Whenever i open system directories like SYStem32, or drivers, the windows closes automatically nd im not able to open or view any event logs/scripts etc. Everythin just quits even in safe mode.
And i cant access those events from the live discs as well.

And bout the discs, if it were pirated then he[friend] ll have easily made copies of it nd returned it.


----------



## j1n M@tt (Jan 27, 2008)

dOm1naTOr said:


> Whenever i open system directories like SYStem32, or drivers, the windows closes automatically nd im not able to open or view any event logs/scripts etc. Everythin just quits even in safe mode.
> And i cant access those events from the live discs as well.
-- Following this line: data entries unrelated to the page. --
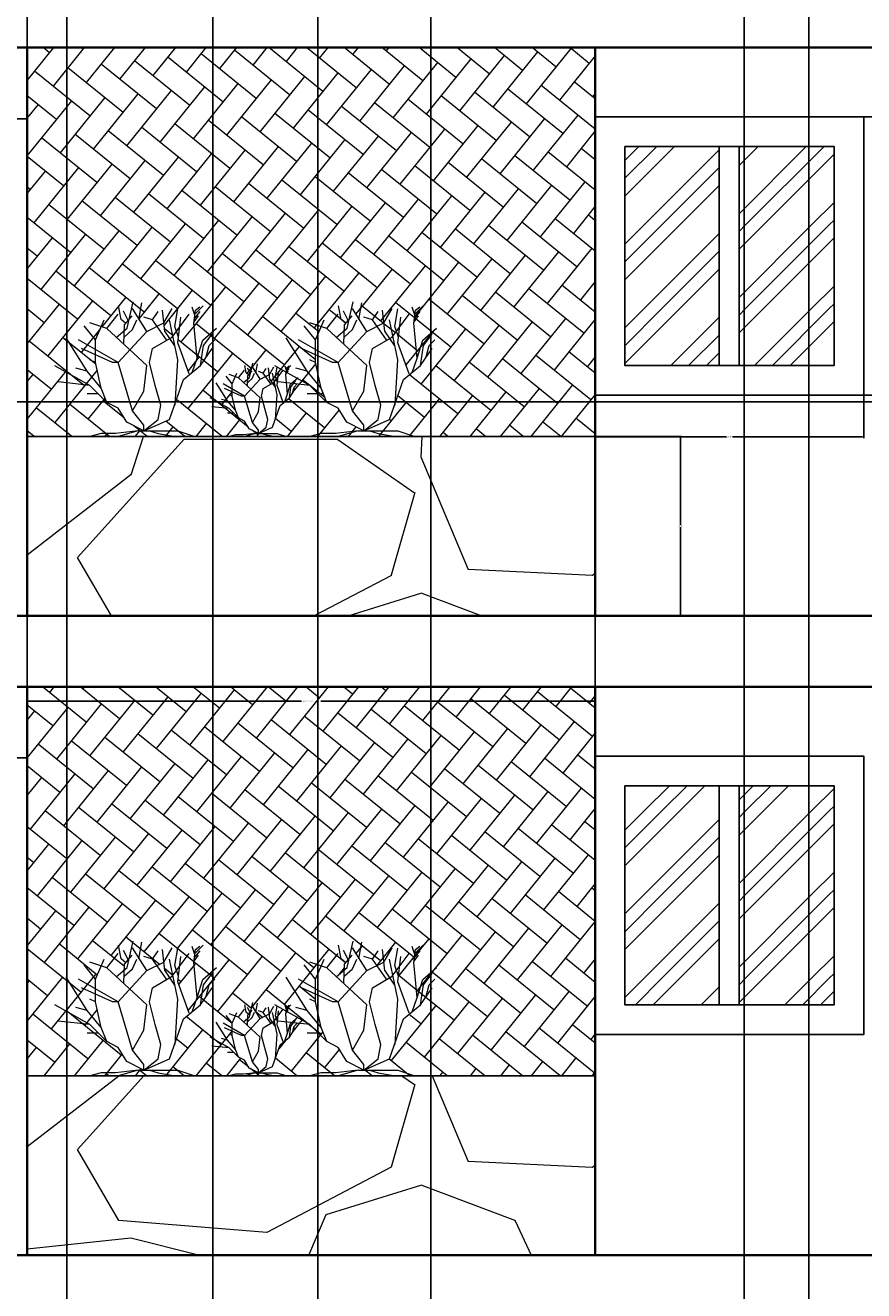
# Model space of a CAD drawing. Units: inches. Extents: x -8 to 554, y -200 to 499.
# Tile 9 of 12: x 216 to 358, y 121 to 335. Entities that reach past the tile are written whole.
import ezdxf

# ---------------------------------------------------------------- set-up
doc = ezdxf.new("R2010")
doc.units = ezdxf.units.IN
doc.header["$MEASUREMENT"] = 0
for name, color, linetype, lineweight in [('A-ANNO-DIMS', 2, 'Continuous', 18), ('A-DOOR', 3, 'Continuous', 25), ('A-FLOR', 7, 'Continuous', 35), ('A-GLAZ', 4, 'Continuous', 25), ('A-GLAZ-PATT', 252, 'Continuous', 13), ('A-WALL', 7, 'Continuous', 35), ('A-WALL-PATT', 252, 'Continuous', 13), ('A-WALL-PRPT', 7, 'Continuous', 25), ('L-PLNT-TREE', 94, 'Continuous', 13)]:
    doc.layers.add(name, color=color, linetype=linetype, lineweight=lineweight)
doc.styles.get("Standard").update_dxf_attribs({"font": 'arial.ttf'})
doc.dimstyles.get("Standard").update_dxf_attribs({"dimtxt": 0.18, "dimasz": 0.18, "dimexe": 0.18, "dimexo": 0.0625, "dimgap": 0.09, "dimtad": 0, "dimtih": 1, "dimtoh": 1, "dimdec": 4, "dimzin": 0, "dimdsep": 46, "dimtxsty": 'Standard', "dimcen": 0.09, "dimadec": 0, "dimazin": 0, "dimtfac": 1, "dimtdec": 4, "dimtofl": 0, "dimtmove": 0, "dimatfit": 3, "dimfxl": 1, "dimtolj": 1, "dimtzin": 0, "dimarcsym": 0})

# ---------------------------------------------------------------- blocks, each defined once
blk = doc.blocks.new('*U2')
for p, q in [((-12.471, 19.775), (-12.898, 22.044)), ((-11.433, 18.289), (-10.457, 22.749)), ((-8.16, 17.76), (-10.56, 21.6)), ((-9.48, 19.775), (-8.992, 22.592)), ((-5.28, 19.2), (-3.84, 21.6)), ((-3.377, 18.602), (-2.888, 21.575)), ((-0.508, 21.888), (-0.081, 20.558)), ((0.041, 20.714), (1.384, 22.044)), ((0.102, 21.34), (0.835, 21.888)), ((-16.8, 16.32), (-15.36, 19.68)), ((-14.88, 18.24), (-12.96, 20.64)), ((-11.677, 19.071), (-12.471, 19.775)), ((-11.28, 19.619), (-12.104, 21.184)), ((-11.921, 18.836), (-10.64, 20.401)), ((-10.579, 18.054), (-9.846, 19.697)), ((-7.2, 19.68), (-8.64, 20.16)), ((-7.2, 19.68), (-6.24, 21.12)), ((-4.8, 16.32), (-7.2, 19.68)), ((-5.086, 17.741), (-5.513, 21.34)), ((-2.88, 12.96), (-4.32, 19.68)), ((-3.84, 16.8), (-0.96, 20.64)), ((-2.88, 15.84), (-2.4, 20.16)), ((-0.203, 19.149), (0.102, 21.34)), ((-0.142, 19.384), (0.59, 20.401)), ((-0.02, 20.01), (0.896, 21.105)), ((-16.8, 16.32), (-18.72, 18.72)), ((-14.88, 18.24), (-17.76, 19.2)), ((-8.16, 12), (-14.88, 18.24)), ((-13.325, 16.724), (-11.433, 18.289)), ((-12.96, 12.48), (-8.16, 17.76)), ((-12.043, 15.628), (-11.921, 18.836)), ((-11.982, 16.802), (-10.579, 18.054)), ((-8.16, 17.76), (-5.28, 19.2)), ((-3.377, 15.315), (-5.086, 17.819)), ((-2.766, 16.802), (-3.377, 18.602)), ((0.346, 13.203), (-0.203, 19.149)), ((1.323, 16.254), (3.642, 18.289)), ((1.44, 15.36), (2.88, 17.28)), ((-18.24, 11.04), (-21.755, 16.655)), ((-12.96, 12.48), (-19.68, 16.32)), ((-16.8, 12.48), (-16.8, 16.32)), ((-7.2, 14.88), (-3.84, 16.8)), ((-0.96, 10.56), (-2.88, 15.84)), ((0.346, 13.203), (1.323, 16.254)), ((0.96, 12), (1.44, 15.36)), ((1.92, 13.44), (2.4, 15.36)), ((2.4, 15.36), (3.36, 16.32)), ((-13.92, 12.48), (-19.2, 14.88)), ((-16.8, 12.48), (-17.76, 12.96)), ((-7.68, 12.48), (-7.2, 14.88)), ((-3.36, 5.28), (-2.88, 12.96)), ((-0.48, 10.8), (0.346, 13.203)), ((0.96, 12), (2.88, 14.88)), ((-17.76, 8.64), (-23.663, 11.961)), ((-18.24, 11.04), (-20.16, 11.52)), ((-15.84, 8.16), (-18.24, 11.04)), ((-15.84, 8.16), (-16.8, 12.48)), ((-12.96, 12.48), (-13.92, 12.48)), ((-10.56, 4.32), (-12.96, 12.48)), ((-8.64, 7.68), (-8.16, 12)), ((-6.72, 8.64), (-7.68, 12.48)), ((-1.92, 9.6), (0.96, 12)), ((-17.76, 8.64), (-23.128, 9.222)), ((-14.88, 5.76), (-17.76, 8.64)), ((-5.76, 5.28), (-6.72, 8.64)), ((-4.32, 2.88), (-1.92, 9.6)), ((-16.32, 7.2), (-18.24, 7.2)), ((-14.88, 5.76), (-15.84, 8.16)), ((-10.56, 4.32), (-8.64, 7.68)), ((-12.96, 4.8), (-14.88, 5.76)), ((-11.52, 2.4), (-12.96, 4.8)), ((-8.64, 1.92), (-10.56, 4.32)), ((-6.24, 2.88), (-5.76, 5.28)), ((-8.64, 0.96), (-11.52, 2.4)), ((-8.64, 0.96), (-4.32, 2.88)), ((-8.64, 0.96), (-6.24, 2.88)), ((-15.84, 0.48), (-17.76, 0)), ((-13.44, 0.48), (-15.84, 0.48)), ((-9.6, 0.96), (-13.44, 0.48)), ((-9.6, 0.96), (-12.96, 0)), ((-9.6, 0.96), (-7.68, 0.96)), ((-8.64, 0.96), (-8.64, 1.92)), ((-8.64, 0.96), (-2.88, 0.96)), ((-7.68, 0.96), (-6.24, 0.48)), ((-6.24, 0.48), (-3.36, 0)), ((-2.88, 0.96), (0, 0))]:
    blk.add_line(p, q)
blk = doc.blocks.new('BALCONY-FRONT-96IN')
blk.add_line((0, 30.31), (96, 30.31))
blk.add_lwpolyline([(0, 30.31), (0, 0), (96, 0), (96, 30.31)])
blk = doc.blocks.new('WINDOW-CASING-TWO-LIGHT')
blk.add_lwpolyline([(0, 47.03), (45.36, 47.03), (45.36, 0), (0, 0)], close=True)
blk = doc.blocks.new('*D20')
at = {"layer": 'A-ANNO-DIMS', "color": 0, "lineweight": -2, "transparency": 16777216}
for p, q in [((216.34, 235.42), (216.34, 220.9)), ((312.34, 235.42), (312.34, 220.9)), ((216.52, 221.08), (262.71, 221.08)), ((312.16, 221.08), (265.97, 221.08))]:
    blk.add_line(p, q, dxfattribs=at)
at = {"layer": 'A-ANNO-DIMS', "color": 0, "transparency": 16777216}
for points in [[(216.52, 221.11), (216.52, 221.05), (216.34, 221.08)], [(312.16, 221.11), (312.16, 221.05), (312.34, 221.08)]]:
    blk.add_solid(points, dxfattribs=at)
at = {"layer": 'Defpoints', "color": 0, "transparency": 16777216}
for p in [(216.34, 235.48), (312.34, 235.48), (312.34, 221.08)]:
    blk.add_point(p, dxfattribs=at)
at = {"layer": 'A-ANNO-DIMS', "color": 0, "transparency": 16777216, "insert": (264.34, 221.08), "char_height": 0.18, "attachment_point": 5}
blk.add_mtext('\\A1;BALCONY FRONT 96 TYP.', dxfattribs=at)
blk = doc.blocks.new('*D21')
at = {"layer": 'A-ANNO-DIMS', "color": 0, "lineweight": -2, "transparency": 16777216}
for p, q in [((312.4, 265.79), (326.92, 265.79)), ((326.74, 265.61), (326.74, 250.82)), ((326.74, 235.66), (326.74, 250.45)), ((312.4, 235.48), (326.92, 235.48))]:
    blk.add_line(p, q, dxfattribs=at)
at = {"layer": 'A-ANNO-DIMS', "color": 0, "transparency": 16777216}
for points in [[(326.71, 265.61), (326.77, 265.61), (326.74, 265.79)], [(326.71, 235.66), (326.77, 235.66), (326.74, 235.48)]]:
    blk.add_solid(points, dxfattribs=at)
at = {"layer": 'Defpoints', "color": 0, "transparency": 16777216}
for p in [(312.34, 265.79), (326.74, 265.79), (312.34, 235.48)]:
    blk.add_point(p, dxfattribs=at)
at = {"layer": 'A-ANNO-DIMS', "color": 0, "transparency": 16777216, "insert": (326.74, 250.64), "char_height": 0.18, "attachment_point": 5}
blk.add_mtext('\\A1;30 TYP.', dxfattribs=at)
blk = doc.blocks.new('*D26')
at = {"layer": 'A-ANNO-DIMS', "color": 0, "lineweight": -2, "transparency": 16777216}
for p, q in [((357.76, 319.79), (364.93, 319.79)), ((364.75, 319.61), (364.75, 296.46)), ((364.75, 272.94), (364.75, 296.09)), ((357.76, 272.76), (364.93, 272.76))]:
    blk.add_line(p, q, dxfattribs=at)
at = {"layer": 'A-ANNO-DIMS', "color": 0, "transparency": 16777216}
for points in [[(364.72, 319.61), (364.78, 319.61), (364.75, 319.79)], [(364.72, 272.94), (364.78, 272.94), (364.75, 272.76)]]:
    blk.add_solid(points, dxfattribs=at)
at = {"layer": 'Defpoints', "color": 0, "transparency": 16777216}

hey buddy ,try by Run.. cmd promt.



> And bout the discs, if it were pirated then he[friend] ll have easily made copies of it nd returned it.



....v the pirates???


----------



## ico (Jan 27, 2008)

@dOm1naTOr

Download this: *rs10.rapidshare.com/files/77599047/FixFunny.rar


----------



## dOm1naTOr (Jan 27, 2008)

thnx, but that file helped in deleting the file nd was not restored on refresh. But still taskmgr, eventvwr etc were closing automatically nd the funny file was restored on restart.
Shud i try running it from live windows?


----------



## j1n M@tt (Jan 27, 2008)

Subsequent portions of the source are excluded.